У Питера была своя жизнь, своя семья, и ему было о чем заботиться и что защищать – и за что бороться. И первая серьезная битва разразилась тогда, когда их старший сын Майк должен был перейти в старшие классы. Несколько поколений Донованов учились в Эндоверском интернате, и Фрэнк считал, что Майк должен поступить туда же, а Кэти с ним соглашалась. Но Питер был против. Он хотел, чтобы мальчик жил дома с родителями до поступления в колледж. Однако на этот раз победил Фрэнк. Решающее слово оставалось за самим Майком, которого мать и дедушка убедили в том, что, если он не поедет в Эндовер, ему никогда не удастся попасть в приличный колледж, не говоря уже о бизнес-школе, и он упустит возможность найти в будущем достойную работу и приобрести нужные связи. Питеру это казалось смешным. В качестве аргумента он говорил, что окончил Мичиганский университет, вечернюю школу в Чикаго, никогда не учился в бизнес-школе и ни разу не слышал об Эндовере, когда рос на ферме в Висконсине. «И я всего добился», – сказал он с улыбкой. И действительно, он управлял одной из крупнейших корпораций страны. Но Питер был совершенно не готов к тому, чтобы услышать ответ Майка:
– Но ты же женился на этом, папа. Это совсем другое дело.
В глазах Питера Майк мог без труда прочитать, какую боль он причинил отцу.
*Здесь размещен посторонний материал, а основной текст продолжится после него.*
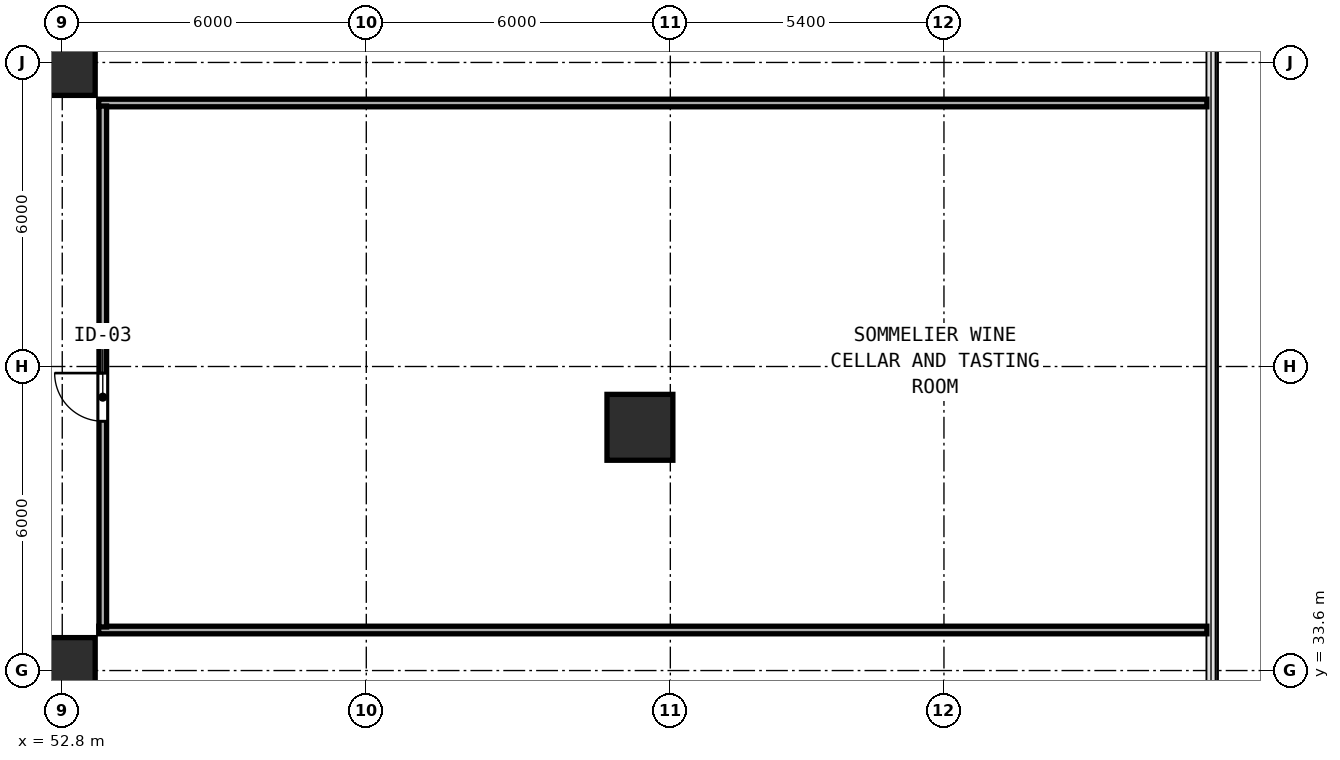
"""IFC4 building model, lengths in metres.
Left out: names, types, materials, properties, quantities, classifications, styles, units other than length and angle.
Written with IfcOpenShell. Run it as: python <this file> out.ifc"""

import sys

from ifc_helpers import new_model, si_unit, direction, frame, frame_2d, origin, origin_2d, place, context, subcontext, project, spatial, rectangle, hollow_rectangle, extrude, element, fill, save


model = new_model("IFC4")
c1 = context("Model", 3, precision=1e-05, world=origin(), true_north=direction((0.0, 1.0)))
c2 = subcontext(c1, "Body", "Model", "MODEL_VIEW")
j1 = project(units=[si_unit("LENGTHUNIT", "METRE"), si_unit("PLANEANGLEUNIT", "RADIAN")], contexts=[c1])
p1 = place(None, origin())
s1 = spatial("IfcSite", under=j1, at=p1, CompositionType="ELEMENT")
p2 = place(p1, origin())
s2 = spatial("IfcBuilding", under=s1, at=p2, CompositionType="ELEMENT")
p3 = place(p2, frame((0.0, 0.0, 5.4)))
s3 = spatial("IfcBuildingStorey", under=s2, at=p3, CompositionType="ELEMENT", Elevation=5.4)
for number, where, z_axis, x_axis in (
    (1, (52.8, 33.6, 0.0), (0.0, 0.0, 1.0), (1.0, 0.0, 0.0)),
    (2, (52.8, 45.6, 0.0), (0.0, 0.0, 1.0), (1.0, 0.0, 0.0)),
    (3, (64.2, 38.4, 0.0), (0.0, 0.0, 1.0), (1.0, 0.0, 0.0)),
):
    element("IfcColumn", number, at=place(p3, frame(where, z_axis=z_axis, x_axis=x_axis)), inside=s3, PredefinedType="COLUMN", context=c2, shape_type="SweptSolid", body=[
        extrude(hollow_rectangle(XDim=1.3, YDim=1.3, WallThickness=0.048, at=origin_2d()), origin(), (0.0, 0.0, 1.0), 4.8),
    ])
for number, where, z_axis, x_axis in (
    (4, (53.52, 44.8, 0.0), (0.0, 0.0, 1.0), (1.0, 0.0, 0.0)),
    (5, (53.52, 34.4, 0.0), (0.0, 0.0, 1.0), (1.0, 0.0, 0.0)),
):
    element("IfcWall", number, at=place(p3, frame(where, z_axis=z_axis, x_axis=x_axis)), inside=s3, PredefinedType="PARTITIONING", context=c2, shape_type="SweptSolid", body=[
        extrude(rectangle(XDim=21.868, YDim=0.15, at=frame_2d((10.934, 0.0))), origin(), (0.0, 0.0, 1.0), 4.56),
    ])
p4 = place(p3, frame((53.6, 34.46, 0.0), z_axis=(0.0, 0.0, 1.0), x_axis=(0.0, 1.0, 0.0)))
e6 = element("IfcWall", 6, at=p4, inside=s3, PredefinedType="PARTITIONING", context=c2, shape_type="SweptSolid", body=[
    extrude(rectangle(XDim=10.28, YDim=0.15, at=frame_2d((5.14, 0.0))), origin(), (0.0, 0.0, 1.0), 4.56),
])
p5 = place(p4, frame((4.06, 0.0, 0.0)))
e7 = element("IfcOpeningElement", 7, at=p5, cuts=e6, PredefinedType="OPENING", context=c2, shape_type="SweptSolid", body=[
    extrude(rectangle(XDim=0.95, YDim=2.12, at=frame_2d((0.475, 1.06))), frame((0.0, 0.085, 0.0), z_axis=(0.0, -1.0, 0.0), x_axis=(1.0, 0.0, 0.0)), (0.0, 0.0, 1.0), 0.17),
])
p6 = place(p5, origin())
e8 = element("IfcDoor", 8, at=p6, inside=s3, OperationType="SINGLE_SWING_RIGHT", PredefinedType="DOOR", context=c2, shape_type="SweptSolid", body=[
    extrude(rectangle(XDim=0.95, YDim=2.12, at=frame_2d((0.475, 1.06))), frame((0.0, 0.025, 0.0), z_axis=(0.0, -1.0, 0.0), x_axis=(1.0, 0.0, 0.0)), (0.0, 0.0, 1.0), 0.05),
])
fill(e7, e8)
save(model, sys.argv[1])
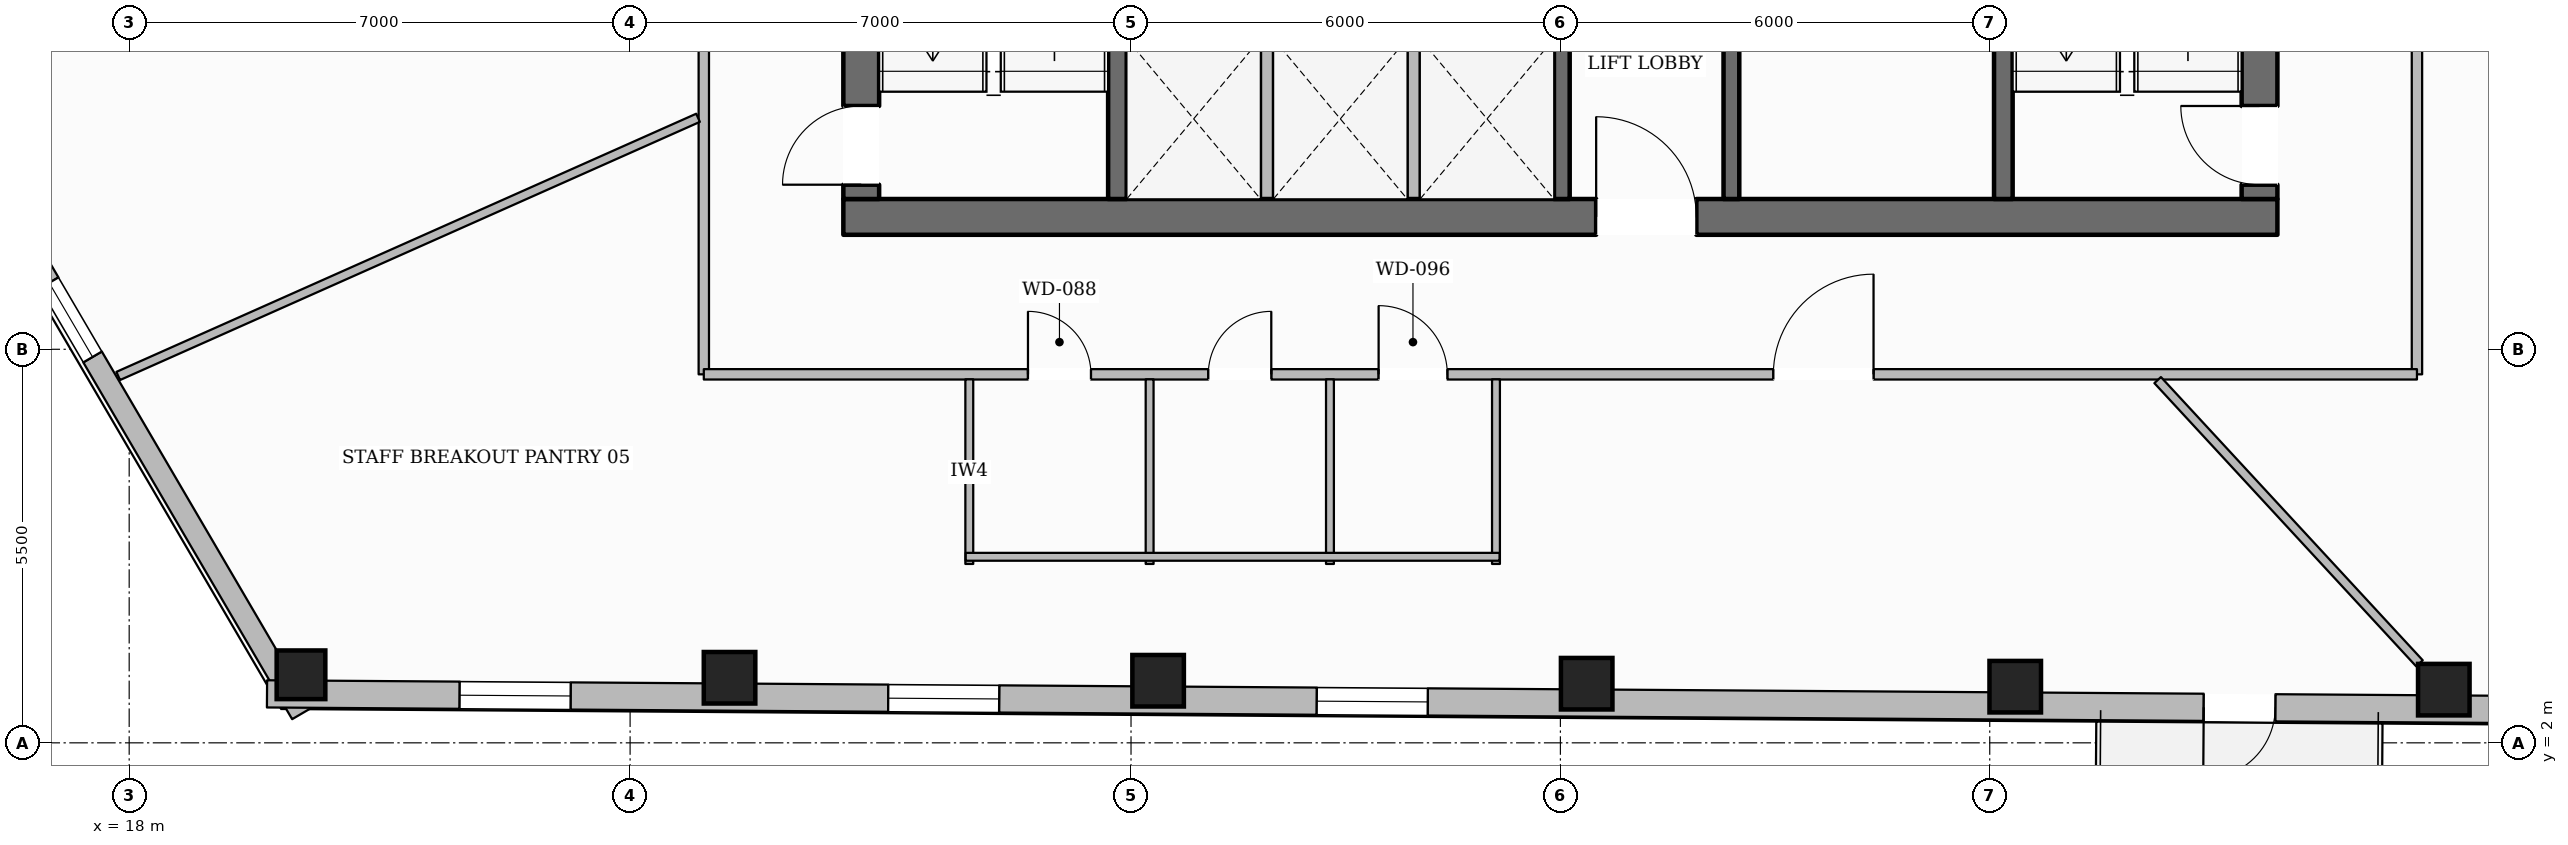
"""IFC4 building model, lengths in metres.
Left out: names, types, materials, properties, quantities, classifications, styles, units other than length and angle.
Written with IfcOpenShell. Run it as: python <this file> out.ifc"""

import sys

from ifc_helpers import new_model, si_unit, direction, frame, frame_2d, origin, origin_2d, place, context, subcontext, project, spatial, rectangle, hollow_rectangle, extrude, element, fill, save


model = new_model("IFC4")
c1 = context("Model", 3, precision=1e-05, world=origin(), true_north=direction((0.0, 1.0)))
c2 = subcontext(c1, "Body", "Model", "MODEL_VIEW")
j1 = project(units=[si_unit("LENGTHUNIT", "METRE"), si_unit("PLANEANGLEUNIT", "RADIAN")], contexts=[c1])
p1 = place(None, origin())
s1 = spatial("IfcSite", under=j1, at=p1, CompositionType="ELEMENT")
p2 = place(p1, origin())
s2 = spatial("IfcBuilding", under=s1, at=p2, CompositionType="ELEMENT")
p3 = place(p2, frame((0.0, 0.0, 120.15)))
s3 = spatial("IfcBuildingStorey", under=s2, at=p3, CompositionType="ELEMENT", Elevation=120.15)
p4 = place(p3, frame((27.98, 9.35, 0.0), z_axis=(0.0, 0.0, 1.0), x_axis=(1.0, 0.0, 0.0)))
e1 = element("IfcWall", 1, at=p4, inside=s3, PredefinedType="SOLIDWALL", context=c2, shape_type="SweptSolid", body=[
    extrude(rectangle(XDim=20.04, YDim=0.5, at=frame_2d((10.02, 0.0))), origin(), (0.0, 0.0, 1.0), 3.6),
])
p5 = place(p4, frame((10.52, 0.0, 0.0)))
e2 = element("IfcOpeningElement", 2, at=p5, cuts=e1, PredefinedType="OPENING", context=c2, shape_type="SweptSolid", body=[
    extrude(rectangle(XDim=1.4, YDim=2.2, at=frame_2d((0.7, 1.1))), frame((0.0, 0.26, 0.0), z_axis=(0.0, -1.0, 0.0), x_axis=(1.0, 0.0, 0.0)), (0.0, 0.0, 1.0), 0.52),
])
p6 = place(p3, frame((28.23, 9.6, 0.0), z_axis=(0.0, 0.0, 1.0), x_axis=(0.0, 1.0, 0.0)))
e3 = element("IfcWall", 3, at=p6, inside=s3, PredefinedType="SOLIDWALL", context=c2, shape_type="SweptSolid", body=[
    extrude(rectangle(XDim=13.0, YDim=0.5, at=frame_2d((6.5, 0.0))), origin(), (0.0, 0.0, 1.0), 3.6),
])
p7 = place(p6, frame((0.2, 0.0, 0.0)))
e4 = element("IfcOpeningElement", 4, at=p7, cuts=e3, PredefinedType="OPENING", context=c2, shape_type="SweptSolid", body=[
    extrude(rectangle(XDim=1.1, YDim=2.15, at=frame_2d((0.55, 1.075))), frame((0.0, 0.26, 0.0), z_axis=(0.0, -1.0, 0.0), x_axis=(1.0, 0.0, 0.0)), (0.0, 0.0, 1.0), 0.52),
])
p8 = place(p6, frame((8.4, 0.0, 0.0)))
e5 = element("IfcOpeningElement", 5, at=p8, cuts=e3, PredefinedType="OPENING", context=c2, shape_type="SweptSolid", body=[
    extrude(rectangle(XDim=0.9, YDim=2.1, at=frame_2d((0.45, 1.05))), frame((0.0, 0.26, 0.0), z_axis=(0.0, -1.0, 0.0), x_axis=(1.0, 0.0, 0.0)), (0.0, 0.0, 1.0), 0.52),
])
p9 = place(p3, frame((47.77, 9.6, 0.0), z_axis=(0.0, 0.0, 1.0), x_axis=(0.0, 1.0, 0.0)))
e6 = element("IfcWall", 6, at=p9, inside=s3, PredefinedType="SOLIDWALL", context=c2, shape_type="SweptSolid", body=[
    extrude(rectangle(XDim=13.0, YDim=0.5, at=frame_2d((6.5, 0.0))), origin(), (0.0, 0.0, 1.0), 3.6),
])
p10 = place(p9, frame((0.2, 0.0, 0.0)))
e7 = element("IfcOpeningElement", 7, at=p10, cuts=e6, PredefinedType="OPENING", context=c2, shape_type="SweptSolid", body=[
    extrude(rectangle(XDim=1.1, YDim=2.15, at=frame_2d((0.55, 1.075))), frame((0.0, 0.26, 0.0), z_axis=(0.0, -1.0, 0.0), x_axis=(1.0, 0.0, 0.0)), (0.0, 0.0, 1.0), 0.52),
])
p11 = place(p9, frame((8.4, 0.0, 0.0)))
e8 = element("IfcOpeningElement", 8, at=p11, cuts=e6, PredefinedType="OPENING", context=c2, shape_type="SweptSolid", body=[
    extrude(rectangle(XDim=0.9, YDim=2.1, at=frame_2d((0.45, 1.05))), frame((0.0, 0.26, 0.0), z_axis=(0.0, -1.0, 0.0), x_axis=(1.0, 0.0, 0.0)), (0.0, 0.0, 1.0), 0.52),
])
p12 = place(p3, frame((31.81, 9.6, 0.0), z_axis=(0.0, 0.0, 1.0), x_axis=(0.0, 1.0, 0.0)))
e9 = element("IfcWall", 9, at=p12, inside=s3, PredefinedType="SHEAR", context=c2, shape_type="SweptSolid", body=[
    extrude(rectangle(XDim=13.0, YDim=0.26, at=frame_2d((6.5, 0.0))), origin(), (0.0, 0.0, 1.0), 3.6),
])
p13 = place(p12, frame((10.925, 0.0, 0.0)))
e10 = element("IfcOpeningElement", 10, at=p13, cuts=e9, PredefinedType="OPENING", context=c2, shape_type="SweptSolid", body=[
    extrude(rectangle(XDim=1.25, YDim=2.25, at=frame_2d((0.625, 1.125))), frame((0.0, 0.14, 0.0), z_axis=(0.0, -1.0, 0.0), x_axis=(1.0, 0.0, 0.0)), (0.0, 0.0, 1.0), 0.28),
])
p14 = place(p3, frame((44.19, 9.6, 0.0), z_axis=(0.0, 0.0, 1.0), x_axis=(0.0, 1.0, 0.0)))
e11 = element("IfcWall", 11, at=p14, inside=s3, PredefinedType="SHEAR", context=c2, shape_type="SweptSolid", body=[
    extrude(rectangle(XDim=13.0, YDim=0.26, at=frame_2d((6.5, 0.0))), origin(), (0.0, 0.0, 1.0), 3.6),
])
p15 = place(p14, frame((10.925, 0.0, 0.0)))
e12 = element("IfcOpeningElement", 12, at=p15, cuts=e11, PredefinedType="OPENING", context=c2, shape_type="SweptSolid", body=[
    extrude(rectangle(XDim=1.25, YDim=2.25, at=frame_2d((0.625, 1.125))), frame((0.0, 0.14, 0.0), z_axis=(0.0, -1.0, 0.0), x_axis=(1.0, 0.0, 0.0)), (0.0, 0.0, 1.0), 0.28),
])
for number, where, z_axis, x_axis in (
    (13, (38.02, 9.6, 0.0), (0.0, 0.0, 1.0), (0.0, 1.0, 0.0)),
    (14, (40.39, 9.6, 0.0), (0.0, 0.0, 1.0), (0.0, 1.0, 0.0)),
):
    element("IfcWall", number, at=place(p3, frame(where, z_axis=z_axis, x_axis=x_axis)), inside=s3, PredefinedType="SOLIDWALL", context=c2, shape_type="SweptSolid", body=[
        extrude(rectangle(XDim=2.24, YDim=0.22, at=frame_2d((1.12, 0.0))), origin(), (0.0, 0.0, 1.0), 3.6),
    ])
p16 = place(p3, frame((20.401, 2.951, 0.0), z_axis=(0.0, 0.0, 1.0), x_axis=(1.0, 0.0, 0.0)))
e15 = element("IfcColumn", 15, at=p16, inside=s3, PredefinedType="COLUMN", context=c2, shape_type="SweptSolid", body=[
    extrude(hollow_rectangle(XDim=0.68, YDim=0.68, WallThickness=0.03, at=origin_2d()), origin(), (0.0, 0.0, 1.0), 3.6),
])
for number, where, z_axis, x_axis in (
    (16, (26.39, 2.909, 0.0), (0.0, 0.0, 1.0), (1.0, 0.0, 0.0)),
    (17, (32.379, 2.868, 0.0), (0.0, 0.0, 1.0), (1.0, 0.0, 0.0)),
    (18, (38.367, 2.826, 0.0), (0.0, 0.0, 1.0), (1.0, 0.0, 0.0)),
    (19, (44.356, 2.785, 0.0), (0.0, 0.0, 1.0), (1.0, 0.0, 0.0)),
    (20, (50.345, 2.743, 0.0), (0.0, 0.0, 1.0), (1.0, 0.0, 0.0)),
):
    element("IfcColumn", number, at=place(p3, frame(where, z_axis=z_axis, x_axis=x_axis)), inside=s3, PredefinedType="COLUMN", context=c2, shape_type="SweptSolid", body=[
        extrude(hollow_rectangle(XDim=0.72, YDim=0.72, WallThickness=0.032, at=origin_2d()), origin(), (0.0, 0.0, 1.0), 3.6),
    ])
p17 = place(p3, frame((20.407, 2.406, 0.0), z_axis=(0.0, 0.0, 1.0), x_axis=(-0.505148604042, 0.863032379366, 0.0)))
e21 = element("IfcWall", 21, at=p17, inside=s3, PredefinedType="STANDARD", context=c2, shape_type="SweptSolid", body=[
    extrude(rectangle(XDim=12.755, YDim=0.3, at=frame_2d((6.378, 0.0))), origin(), (0.0, 0.0, 1.0), 3.059),
])
p18 = place(p17, frame((5.778, 0.0, 0.65)))
e22 = element("IfcOpeningElement", 22, at=p18, cuts=e21, PredefinedType="OPENING", context=c2, shape_type="SweptSolid", body=[
    extrude(rectangle(XDim=1.2, YDim=1.7, at=frame_2d((0.6, 0.85))), frame((0.0, 0.16, 0.0), z_axis=(0.0, -1.0, 0.0), x_axis=(1.0, 0.0, 0.0)), (0.0, 0.0, 1.0), 0.32),
])
p19 = place(p3, frame((56.812, 2.428, 0.0), z_axis=(0.0, 0.0, 1.0), x_axis=(-0.999975943084, 0.006936371743, 0.0)))
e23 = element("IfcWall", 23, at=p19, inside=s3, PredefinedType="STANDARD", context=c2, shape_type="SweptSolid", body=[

Мальчик быстро поправился, говоря, что ничего такого в виду не имел и что двадцать лет назад все было «по-другому». Но оба понимали, что Майк прав. И в конце концов он отправился в Эндовер, а теперь, подобно дедушке, готовился к поступлению в Принстон. Пол тоже учился в Эндовере, и только Патрик, самый младший, поговаривал о том, чтобы доучиваться дома или поехать в Экзетер, – только для того, чтобы не повторять путь своих братьев. На раздумья у него оставался еще год, и периодически он изъявлял желание учиться в интернате в Калифорнии. Питер хотел что-то изменить в этой ситуации, но понимал, что не может ничего поделать. Оканчивать школу вне дома было традицией Донованов, и тут нечего было обсуждать. Даже Кейт, несмотря на свою близость к отцу, училась у мисс Портер. Питер бы предпочел, чтобы дети были дома, но в принципе, по его словам, это была небольшая жертва – он не общался с ними в течение нескольких месяцев в году, зато они получали великолепное образование. Никаких возражений тут быть не могло, и Фрэнк говорил, что они завязывают там важные знакомства, которые пригодятся им в течение всей их жизни. С этим было трудно спорить, да Питер и не пытался. Но когда сыновья ежегодно разъезжались кто куда, ему было очень одиноко. Кэти и мальчики – вот все, что у него было. И он все еще очень тосковал по Мюриэл и родителям, хотя никогда и не признавался в этом Кэти.